Saturday, August 3, 2013

Human construct stands between us and mitigating climate change


A human construct is what stands between us and moving toward mitigating human-induced climate change.

Humanity is surrounded
by an economy that was
once our servant, but
 now is now our master.
Humans, bit by bit, piece by piece have built an economy that now straddles the globe and while it was at first our servant, it has now, through the apparent fault of no-one, become our master.

The economy has been elevated to God-like status and to suggest anything likely to unseat it, borders on blasphemy and brings accusations of ignorance, naivety and even stupidity, arguing that such foolishness is a misunderstanding of what it is that gives humanity sustenance.

Such allegations arise from an addiction to the paradigm in which the world economy is embedded and with most governments, whether they be liberal democracies, communistic, despotic regimes, religion-based democratic facades or something of any other flavour, bowing before the might of money, to suggest something different is not only decried, but considered grossly irresponsible.

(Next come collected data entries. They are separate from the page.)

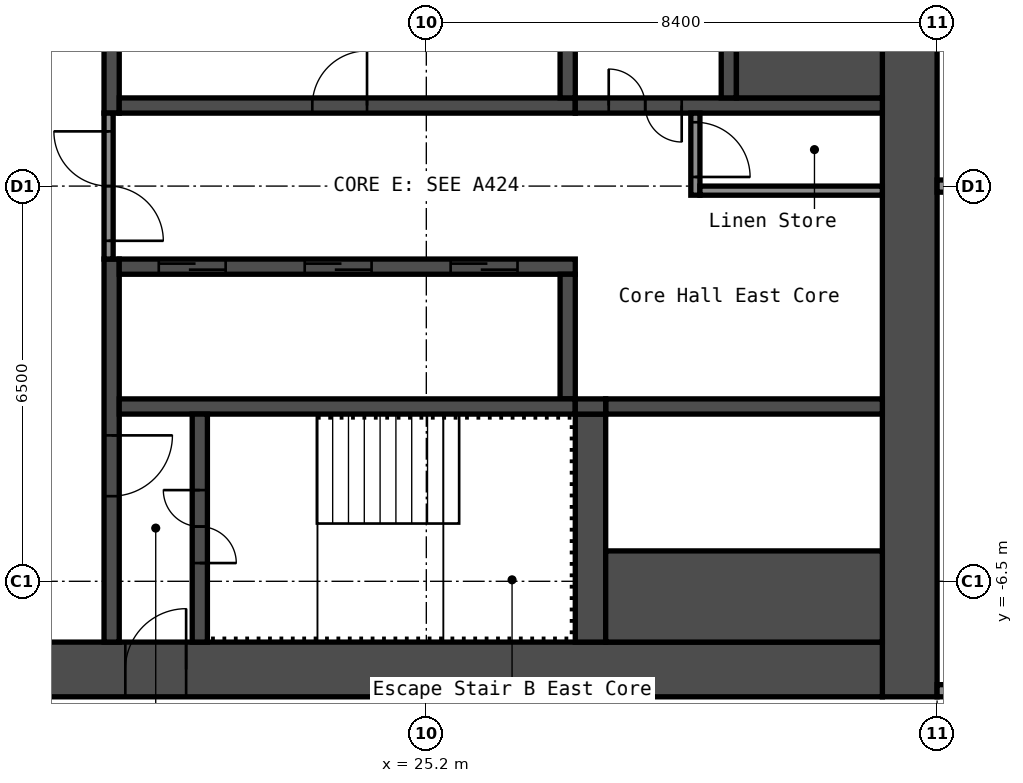
"""IFC4 building model, lengths in metres.
Left out: names, types, materials, properties, quantities, classifications, styles, units other than length and angle.
Written with IfcOpenShell. Run it as: python <this file> out.ifc"""

import sys

from ifc_helpers import new_model, si_unit, direction, frame, frame_2d, origin, place, context, subcontext, project, spatial, rectangle, extrude, element, fill, save


model = new_model("IFC4")
c1 = context("Model", 3, precision=1e-05, world=origin(), true_north=direction((0.0, 1.0)))
c2 = subcontext(c1, "Body", "Model", "MODEL_VIEW")
j1 = project(units=[si_unit("LENGTHUNIT", "METRE"), si_unit("PLANEANGLEUNIT", "RADIAN")], contexts=[c1])
p1 = place(None, origin())
s1 = spatial("IfcSite", under=j1, at=p1, CompositionType="ELEMENT")
p2 = place(p1, origin())
s2 = spatial("IfcBuilding", under=s1, at=p2, CompositionType="ELEMENT")
p3 = place(p2, frame((0.0, 0.0, 163.0)))
s3 = spatial("IfcBuildingStorey", under=s2, at=p3, CompositionType="ELEMENT", Elevation=163.0)
p4 = place(p3, frame((33.15, -8.4, 0.0), z_axis=(0.0, 0.0, 1.0), x_axis=(0.0, 1.0, 0.0)))
e1 = element("IfcWall", 1, at=p4, inside=s3, PredefinedType="SHEAR", context=c2, shape_type="SweptSolid", body=[
    extrude(rectangle(XDim=16.8, YDim=0.9, at=frame_2d((8.4, 0.0))), origin(), (0.0, 0.0, 1.0), 2.75),
])
p5 = place(p3, frame((17.7, -7.95, 0.0), z_axis=(0.0, 0.0, 1.0), x_axis=(1.0, 0.0, 0.0)))
e2 = element("IfcWall", 2, at=p5, inside=s3, PredefinedType="SHEAR", context=c2, shape_type="SweptSolid", body=[
    extrude(rectangle(XDim=15.0, YDim=0.9, at=frame_2d((7.5, 0.0))), origin(), (0.0, 0.0, 1.0), 2.75),
])
p6 = place(p5, frame((2.55, 0.0, 0.0)))
e3 = element("IfcOpeningElement", 3, at=p6, cuts=e2, PredefinedType="OPENING", context=c2, shape_type="SweptSolid", body=[
    extrude(rectangle(XDim=1.0, YDim=2.1, at=frame_2d((0.5, 1.05))), frame((0.0, 0.46, 0.0), z_axis=(0.0, -1.0, 0.0), x_axis=(1.0, 0.0, 0.0)), (0.0, 0.0, 1.0), 0.92),
])
p7 = place(p3, frame((20.025, 1.2, 0.0), z_axis=(0.0, 0.0, 1.0), x_axis=(0.0, 1.0, 0.0)))
e4 = element("IfcWall", 4, at=p7, inside=s3, PredefinedType="SHEAR", context=c2, shape_type="SweptSolid", body=[
    extrude(rectangle(XDim=6.3, YDim=0.25, at=frame_2d((3.15, 0.0))), origin(), (0.0, 0.0, 1.0), 2.75),
])
p8 = place(p3, frame((20.025, -7.5, 0.0), z_axis=(0.0, 0.0, 1.0), x_axis=(0.0, 1.0, 0.0)))
e5 = element("IfcWall", 5, at=p8, inside=s3, PredefinedType="SHEAR", context=c2, shape_type="SweptSolid", body=[
    extrude(rectangle(XDim=6.3, YDim=0.25, at=frame_2d((3.15, 0.0))), origin(), (0.0, 0.0, 1.0), 2.75),
])
p9 = place(p8, frame((2.4, 0.0, 0.0)))
e6 = element("IfcOpeningElement", 6, at=p9, cuts=e5, PredefinedType="OPENING", context=c2, shape_type="SweptSolid", body=[
    extrude(rectangle(XDim=1.0, YDim=2.1, at=frame_2d((0.5, 1.05))), frame((0.0, 0.135, 0.0), z_axis=(0.0, -1.0, 0.0), x_axis=(1.0, 0.0, 0.0)), (0.0, 0.0, 1.0), 0.27),
])
p10 = place(p3, frame((20.15, 1.325, 0.0), z_axis=(0.0, 0.0, 1.0), x_axis=(1.0, 0.0, 0.0)))
e7 = element("IfcWall", 7, at=p10, inside=s3, PredefinedType="SHEAR", context=c2, shape_type="SweptSolid", body=[
    extrude(rectangle(XDim=7.5, YDim=0.25, at=frame_2d((3.75, 0.0))), origin(), (0.0, 0.0, 1.0), 2.75),
])
p11 = place(p10, frame((3.175, 0.0, 0.0)))
e8 = element("IfcOpeningElement", 8, at=p11, cuts=e7, PredefinedType="OPENING", context=c2, shape_type="SweptSolid", body=[
    extrude(rectangle(XDim=0.9, YDim=2.1, at=frame_2d((0.45, 1.05))), frame((0.0, 0.135, 0.0), z_axis=(0.0, -1.0, 0.0), x_axis=(1.0, 0.0, 0.0)), (0.0, 0.0, 1.0), 0.27),
])
p12 = place(p3, frame((27.525, 1.45, 0.0), z_axis=(0.0, 0.0, 1.0), x_axis=(0.0, 1.0, 0.0)))
e9 = element("IfcWall", 9, at=p12, inside=s3, PredefinedType="SHEAR", context=c2, shape_type="SweptSolid", body=[
    extrude(rectangle(XDim=2.05, YDim=0.25, at=frame_2d((1.025, 0.0))), origin(), (0.0, 0.0, 1.0), 2.75),
])
p13 = place(p3, frame((27.65, 1.325, 0.0), z_axis=(0.0, 0.0, 1.0), x_axis=(1.0, 0.0, 0.0)))
e10 = element("IfcWall", 10, at=p13, inside=s3, PredefinedType="SHEAR", context=c2, shape_type="SweptSolid", body=[
    extrude(rectangle(XDim=5.05, YDim=0.25, at=frame_2d((2.525, 0.0))), origin(), (0.0, 0.0, 1.0), 2.75),
])
p14 = place(p13, frame((0.55, 0.0, 0.0)))
e11 = element("IfcOpeningElement", 11, at=p14, cuts=e10, PredefinedType="OPENING", context=c2, shape_type="SweptSolid", body=[
    extrude(rectangle(XDim=1.2, YDim=2.1, at=frame_2d((0.6, 1.05))), frame((0.0, 0.135, 0.0), z_axis=(0.0, -1.0, 0.0), x_axis=(1.0, 0.0, 0.0)), (0.0, 0.0, 1.0), 0.27),
])
p15 = place(p3, frame((30.175, 1.45, 0.0), z_axis=(0.0, 0.0, 1.0), x_axis=(0.0, 1.0, 0.0)))
e12 = element("IfcWall", 12, at=p15, inside=s3, PredefinedType="SHEAR", context=c2, shape_type="SweptSolid", body=[
    extrude(rectangle(XDim=6.05, YDim=0.25, at=frame_2d((3.025, 0.0))), origin(), (0.0, 0.0, 1.0), 2.75),
])
p16 = place(p15, frame((2.625, 0.0, 0.0)))
e13 = element("IfcOpeningElement", 13, at=p16, cuts=e12, PredefinedType="OPENING", context=c2, shape_type="SweptSolid", body=[
    extrude(rectangle(XDim=1.1, YDim=2.1, at=frame_2d((0.55, 1.05))), frame((0.0, 0.135, 0.0), z_axis=(0.0, -1.0, 0.0), x_axis=(1.0, 0.0, 0.0)), (0.0, 0.0, 1.0), 0.27),
])
p17 = place(p3, frame((30.3, 2.375, 0.0), z_axis=(0.0, 0.0, 1.0), x_axis=(1.0, 0.0, 0.0)))
e14 = element("IfcWall", 14, at=p17, inside=s3, PredefinedType="SHEAR", context=c2, shape_type="SweptSolid", body=[
    extrude(rectangle(XDim=2.4, YDim=1.85, at=frame_2d((1.2, 0.0))), origin(), (0.0, 0.0, 1.0), 2.75),
])
p18 = place(p3, frame((20.15, -1.325, 0.0), z_axis=(0.0, 0.0, 1.0), x_axis=(1.0, 0.0, 0.0)))
e15 = element("IfcWall", 15, at=p18, inside=s3, PredefinedType="SHEAR", context=c2, shape_type="SweptSolid", body=[
    extrude(rectangle(XDim=7.5, YDim=0.25, at=frame_2d((3.75, 0.0))), origin(), (0.0, 0.0, 1.0), 2.75),
])
p19 = place(p18, frame((0.65, 0.0, 0.0)))
e16 = element("IfcOpeningElement", 16, at=p19, cuts=e15, PredefinedType="OPENING", context=c2, shape_type="SweptSolid", body=[
    extrude(rectangle(XDim=1.1, YDim=2.1, at=frame_2d((0.55, 1.05))), frame((0.0, 0.135, 0.0), z_axis=(0.0, -1.0, 0.0), x_axis=(1.0, 0.0, 0.0)), (0.0, 0.0, 1.0), 0.27),
])
p20 = place(p18, frame((3.05, 0.0, 0.0)))
e17 = element("IfcOpeningElement", 17, at=p20, cuts=e15, PredefinedType="OPENING", context=c2, shape_type="SweptSolid", body=[
    extrude(rectangle(XDim=1.1, YDim=2.1, at=frame_2d((0.55, 1.05))), frame((0.0, 0.135, 0.0), z_axis=(0.0, -1.0, 0.0), x_axis=(1.0, 0.0, 0.0)), (0.0, 0.0, 1.0), 0.27),
])
p21 = place(p18, frame((5.45, 0.0, 0.0)))
e18 = element("IfcOpeningElement", 18, at=p21, cuts=e15, PredefinedType="OPENING", context=c2, shape_type="SweptSolid", body=[
    extrude(rectangle(XDim=1.1, YDim=2.1, at=frame_2d((0.55, 1.05))), frame((0.0, 0.135, 0.0), z_axis=(0.0, -1.0, 0.0), x_axis=(1.0, 0.0, 0.0)), (0.0, 0.0, 1.0), 0.27),
])
p22 = place(p3, frame((27.525, -3.5, 0.0), z_axis=(0.0, 0.0, 1.0), x_axis=(0.0, 1.0, 0.0)))
e19 = element("IfcWall", 19, at=p22, inside=s3, PredefinedType="SHEAR", context=c2, shape_type="SweptSolid", body=[
    extrude(rectangle(XDim=2.05, YDim=0.25, at=frame_2d((1.025, 0.0))), origin(), (0.0, 0.0, 1.0), 2.75),
])
p23 = place(p3, frame((20.15, -3.625, 0.0), z_axis=(0.0, 0.0, 1.0), x_axis=(1.0, 0.0, 0.0)))
e20 = element("IfcWall", 20, at=p23, inside=s3, PredefinedType="SHEAR", context=c2, shape_type="SweptSolid", body=[
    extrude(rectangle(XDim=7.5, YDim=0.25, at=frame_2d((3.75, 0.0))), origin(), (0.0, 0.0, 1.0), 2.75),
])
p24 = place(p3, frame((21.475, -7.5, 0.0), z_axis=(0.0, 0.0, 1.0), x_axis=(0.0, 1.0, 0.0)))
e21 = element("IfcWall", 21, at=p24, inside=s3, PredefinedType="SHEAR", context=c2, shape_type="SweptSolid", body=[
    extrude(rectangle(XDim=3.75, YDim=0.25, at=frame_2d((1.875, 0.0))), origin(), (0.0, 0.0, 1.0), 2.75),
])
p25 = place(p24, frame((1.3, 0.0, 0.0)))
e22 = element("IfcOpeningElement", 22, at=p25, cuts=e21, PredefinedType="OPENING", context=c2, shape_type="SweptSolid", body=[
    extrude(rectangle(XDim=1.2, YDim=2.1, at=frame_2d((0.6, 1.05))), frame((0.0, 0.135, 0.0), z_axis=(0.0, -1.0, 0.0), x_axis=(1.0, 0.0, 0.0)), (0.0, 0.0, 1.0), 0.27),
])
p26 = place(p3, frame((27.9, -7.5, 0.0), z_axis=(0.0, 0.0, 1.0), x_axis=(0.0, 1.0, 0.0)))
e23 = element("IfcWall", 23, at=p26, inside=s3, PredefinedType="SHEAR", context=c2, shape_type="SweptSolid", body=[
    extrude(rectangle(XDim=3.75, YDim=0.5, at=frame_2d((1.875, 0.0))), origin(), (0.0, 0.0, 1.0), 2.75),
])
p27 = place(p3, frame((28.15, -3.625, 0.0), z_axis=(0.0, 0.0, 1.0), x_axis=(1.0, 0.0, 0.0)))
e24 = element("IfcWall", 24, at=p27, inside=s3, PredefinedType="SHEAR", context=c2, shape_type="SweptSolid", body=[
    extrude(rectangle(XDim=4.55, YDim=0.25, at=frame_2d((2.275, 0.0))), origin(), (0.0, 0.0, 1.0), 2.75),
])
p28 = place(p3, frame((28.15, -6.75, 0.0), z_axis=(0.0, 0.0, 1.0), x_axis=(1.0, 0.0, 0.0)))
e25 = element("IfcWall", 25, at=p28, inside=s3, PredefinedType="SHEAR", context=c2, shape_type="SweptSolid", body=[
    extrude(rectangle(XDim=4.55, YDim=1.5, at=frame_2d((2.275, 0.0))), origin(), (0.0, 0.0, 1.0), 2.75),
])
p29 = place(p3, frame((27.65, -3.625, 0.0), z_axis=(0.0, 0.0, 1.0), x_axis=(1.0, 0.0, 0.0)))
e26 = element("IfcWall", 26, at=p29, inside=s3, PredefinedType="SHEAR", context=c2, shape_type="SweptSolid", body=[
    extrude(rectangle(XDim=0.5, YDim=0.25, at=frame_2d((0.25, 0.0))), origin(), (0.0, 0.0, 1.0), 2.75),
])
p30 = place(p3, frame((19.975, -1.2, 0.0), z_axis=(0.0, 0.0, 1.0), x_axis=(0.0, 1.0, 0.0)))
e27 = element("IfcWall", 27, at=p30, inside=s3, PredefinedType="PARTITIONING", context=c2, shape_type="SweptSolid", body=[
    extrude(rectangle(XDim=2.4, YDim=0.15, at=frame_2d((1.2, 0.0))), origin(), (0.0, 0.0, 1.0), 2.75),
])
p31 = place(p30, frame((0.3, 0.0, 0.0)))
e28 = element("IfcOpeningElement", 28, at=p31, cuts=e27, PredefinedType="OPENING", context=c2, shape_type="SweptSolid", body=[
    extrude(rectangle(XDim=1.8, YDim=2.1, at=frame_2d((0.9, 1.05))), frame((0.0, 0.085, 0.0), z_axis=(0.0, -1.0, 0.0), x_axis=(1.0, 0.0, 0.0)), (0.0, 0.0, 1.0), 0.17),
])
p32 = place(p3, frame((29.625, -0.15, 0.0), z_axis=(0.0, 0.0, 1.0), x_axis=(0.0, 1.0, 0.0)))
e29 = element("IfcWall", 29, at=p32, inside=s3, PredefinedType="PARTITIONING", context=c2, shape_type="SweptSolid", body=[
    extrude(rectangle(XDim=1.35, YDim=0.15, at=frame_2d((0.675, 0.0))), origin(), (0.0, 0.0, 1.0), 2.75),
])
p33 = place(p32, frame((0.3, 0.0, 0.0)))
e30 = element("IfcOpeningElement", 30, at=p33, cuts=e29, PredefinedType="OPENING", context=c2, shape_type="SweptSolid", body=[
    extrude(rectangle(XDim=0.9, YDim=2.1, at=frame_2d((0.45, 1.05))), frame((0.0, 0.085, 0.0), z_axis=(0.0, -1.0, 0.0), x_axis=(1.0, 0.0, 0.0)), (0.0, 0.0, 1.0), 0.17),
])
p34 = place(p3, frame((29.7, -0.075, 0.0), z_axis=(0.0, 0.0, 1.0), x_axis=(1.0, 0.0, 0.0)))
e31 = element("IfcWall", 31, at=p34, inside=s3, PredefinedType="PARTITIONING", context=c2, shape_type="SweptSolid", body=[
    extrude(rectangle(XDim=3.0, YDim=0.15, at=frame_2d((1.5, 0.0))), origin(), (0.0, 0.0, 1.0), 2.75),
])
p35 = place(p3, frame((33.6, -8.3, 0.0), z_axis=(0.0, 0.0, 1.0), x_axis=(1.0, 0.0, 0.0)))
e32 = element("IfcWall", 32, at=p35, inside=s3, PredefinedType="PARTITIONING", context=c2, shape_type="SweptSolid", body=[
    extrude(rectangle(XDim=6.6, YDim=0.2, at=frame_2d((3.3, 0.0))), origin(), (0.0, 0.0, 1.0), 2.75),
])
p36 = place(p35, frame((1.0, 0.0, 0.0)))
e33 = element("IfcOpeningElement", 33, at=p36, cuts=e32, PredefinedType="OPENING", context=c2, shape_type="SweptSolid", body=[
    extrude(rectangle(XDim=0.9, YDim=2.1, at=frame_2d((0.45, 1.05))), frame((0.0, 0.11, 0.0), z_axis=(0.0, -1.0, 0.0), x_axis=(1.0, 0.0, 0.0)), (0.0, 0.0, 1.0), 0.22),
])
p37 = place(p35, frame((4.3, 0.0, 0.0)))
e34 = element("IfcOpeningElement", 34, at=p37, cuts=e32, PredefinedType="OPENING", context=c2, shape_type="SweptSolid", body=[
    extrude(rectangle(XDim=0.9, YDim=2.1, at=frame_2d((0.45, 1.05))), frame((0.0, 0.11, 0.0), z_axis=(0.0, -1.0, 0.0), x_axis=(1.0, 0.0, 0.0)), (0.0, 0.0, 1.0), 0.22),
])
p38 = place(p3, frame((33.6, 0.0, 0.0), z_axis=(0.0, 0.0, 1.0), x_axis=(1.0, 0.0, 0.0)))
e35 = element("IfcWall", 35, at=p38, inside=s3, PredefinedType="PARTITIONING", context=c2, shape_type="SweptSolid", body=[
    extrude(rectangle(XDim=6.5, YDim=0.2, at=frame_2d((3.25, 0.0))), origin(), (0.0, 0.0, 1.0), 2.75),
])
p39 = place(p6, origin())
e36 = element("IfcDoor", 36, at=p39, inside=s3, OperationType="SINGLE_SWING_LEFT", PredefinedType="DOOR", context=c2, shape_type="SweptSolid", body=[
    extrude(rectangle(XDim=1.0, YDim=2.1, at=frame_2d((0.5, 1.05))), frame((0.0, 0.025, 0.0), z_axis=(0.0, -1.0, 0.0), x_axis=(1.0, 0.0, 0.0)), (0.0, 0.0, 1.0), 0.05),
])
fill(e3, e36)
p40 = place(p25, origin())
e37 = element("IfcDoor", 37, at=p40, inside=s3, OperationType="DOUBLE_DOOR_SINGLE_SWING", PredefinedType="DOOR", context=c2, shape_type="SweptSolid", body=[
    extrude(rectangle(XDim=1.2, YDim=2.1, at=frame_2d((0.6, 1.05))), frame((0.0, 0.025, 0.0), z_axis=(0.0, -1.0, 0.0), x_axis=(1.0, 0.0, 0.0)), (0.0, 0.0, 1.0), 0.05),
])
fill(e22, e37)
p41 = place(p9, origin())
e38 = element("IfcDoor", 38, at=p41, inside=s3, OperationType="SINGLE_SWING_RIGHT", PredefinedType="DOOR", context=c2, shape_type="SweptSolid", body=[
    extrude(rectangle(XDim=1.0, YDim=2.1, at=frame_2d((0.5, 1.05))), frame((0.0, 0.025, 0.0), z_axis=(0.0, -1.0, 0.0), x_axis=(1.0, 0.0, 0.0)), (0.0, 0.0, 1.0), 0.05),
])
fill(e6, e38)
p42 = place(p14, origin())
e39 = element("IfcDoor", 39, at=p42, inside=s3, OperationType="DOUBLE_DOOR_SINGLE_SWING", PredefinedType="DOOR", context=c2, shape_type="SweptSolid", body=[
    extrude(rectangle(XDim=1.2, YDim=2.1, at=frame_2d((0.6, 1.05))), frame((0.0, 0.025, 0.0), z_axis=(0.0, -1.0, 0.0), x_axis=(1.0, 0.0, 0.0)), (0.0, 0.0, 1.0), 0.05),
])
fill(e11, e39)
p43 = place(p31, origin())
e40 = element("IfcDoor", 40, at=p43, inside=s3, OperationType="DOUBLE_DOOR_SINGLE_SWING", PredefinedType="DOOR", context=c2, shape_type="SweptSolid", body=[
    extrude(rectangle(XDim=1.8, YDim=2.1, at=frame_2d((0.9, 1.05))), frame((0.0, 0.025, 0.0), z_axis=(0.0, -1.0, 0.0), x_axis=(1.0, 0.0, 0.0)), (0.0, 0.0, 1.0), 0.05),
])
fill(e28, e40)
p44 = place(p33, origin())
e41 = element("IfcDoor", 41, at=p44, inside=s3, OperationType="SINGLE_SWING_LEFT", PredefinedType="DOOR", context=c2, shape_type="SweptSolid", body=[
    extrude(rectangle(XDim=0.9, YDim=2.1, at=frame_2d((0.45, 1.05))), frame((0.0, 0.025, 0.0), z_axis=(0.0, -1.0, 0.0), x_axis=(1.0, 0.0, 0.0)), (0.0, 0.0, 1.0), 0.05),
])
fill(e30, e41)
p45 = place(p11, origin())
e42 = element("IfcDoor", 42, at=p45, inside=s3, OperationType="SINGLE_SWING_LEFT", PredefinedType="DOOR", context=c2, shape_type="SweptSolid", body=[
    extrude(rectangle(XDim=0.9, YDim=2.1, at=frame_2d((0.45, 1.05))), frame((0.0, 0.025, 0.0), z_axis=(0.0, -1.0, 0.0), x_axis=(1.0, 0.0, 0.0)), (0.0, 0.0, 1.0), 0.05),
])
fill(e8, e42)
p46 = place(p19, origin())
e43 = element("IfcDoor", 43, at=p46, inside=s3, OperationType="DOUBLE_DOOR_SLIDING", PredefinedType="DOOR", context=c2, shape_type="SweptSolid", body=[
    extrude(rectangle(XDim=1.1, YDim=2.1, at=frame_2d((0.55, 1.05))), frame((0.0, 0.025, 0.0), z_axis=(0.0, -1.0, 0.0), x_axis=(1.0, 0.0, 0.0)), (0.0, 0.0, 1.0), 0.05),
])
fill(e16, e43)
p47 = place(p20, origin())
e44 = element("IfcDoor", 44, at=p47, inside=s3, OperationType="DOUBLE_DOOR_SLIDING", PredefinedType="DOOR", context=c2, shape_type="SweptSolid", body=[
    extrude(rectangle(XDim=1.1, YDim=2.1, at=frame_2d((0.55, 1.05))), frame((0.0, 0.025, 0.0), z_axis=(0.0, -1.0, 0.0), x_axis=(1.0, 0.0, 0.0)), (0.0, 0.0, 1.0), 0.05),
])
fill(e17, e44)
p48 = place(p21, origin())
e45 = element("IfcDoor", 45, at=p48, inside=s3, OperationType="DOUBLE_DOOR_SLIDING", PredefinedType="DOOR", context=c2, shape_type="SweptSolid", body=[
    extrude(rectangle(XDim=1.1, YDim=2.1, at=frame_2d((0.55, 1.05))), frame((0.0, 0.025, 0.0), z_axis=(0.0, -1.0, 0.0), x_axis=(1.0, 0.0, 0.0)), (0.0, 0.0, 1.0), 0.05),
])
fill(e18, e45)
save(model, sys.argv[1])

Humanity, or at least some of it, has been fortunate to escape from the daily trepidations of the hunter and gatherer life; something that has been achieved through the construction of an economy which has, in many ways served us well, but at the same time has ignored the subtle beauties of life; beauties that are sadly irrelevant to the simplistic brutalities of the economy.

Growth, a code word for exploitation, has seen man excavate the world’s ancient sunlight, and in the past two or three centuries use the fossil fuels we discovered with a rude rush of exuberance to see all the available environmental sinks on the earth filled to over-capacity, disrupting the earth’s atmosphere to create disarray in the world’s climate to manifest weather patterns with which humans are unfamiliar.

That unfamiliarity is of such a dimension that the future of humanity, along with most other species with which it shares the planet, is problematic.

The time for action is already a few decades past and certain weather related difficulties cannot be avoided, but it is time to bury our concerns about the world economy and change our rhetoric to align it with ideals that are about equality, philanthropy, altruism, sharing, kindness and an understanding of the other to ensure that life on earth can endure.

The world’s economy has evolved in such a way that the distribution of wealth is disturbingly wrong in that about 15 per cent of the population controls 80 per cent of the wealth and nearly half the population less than two per cent.

The economy has served a few on earth well, disadvantaged more and if we are unable to rein it in and return it to again being the servant, as opposed to a master, then climate change will continue its march to a rather gloomy conclusion.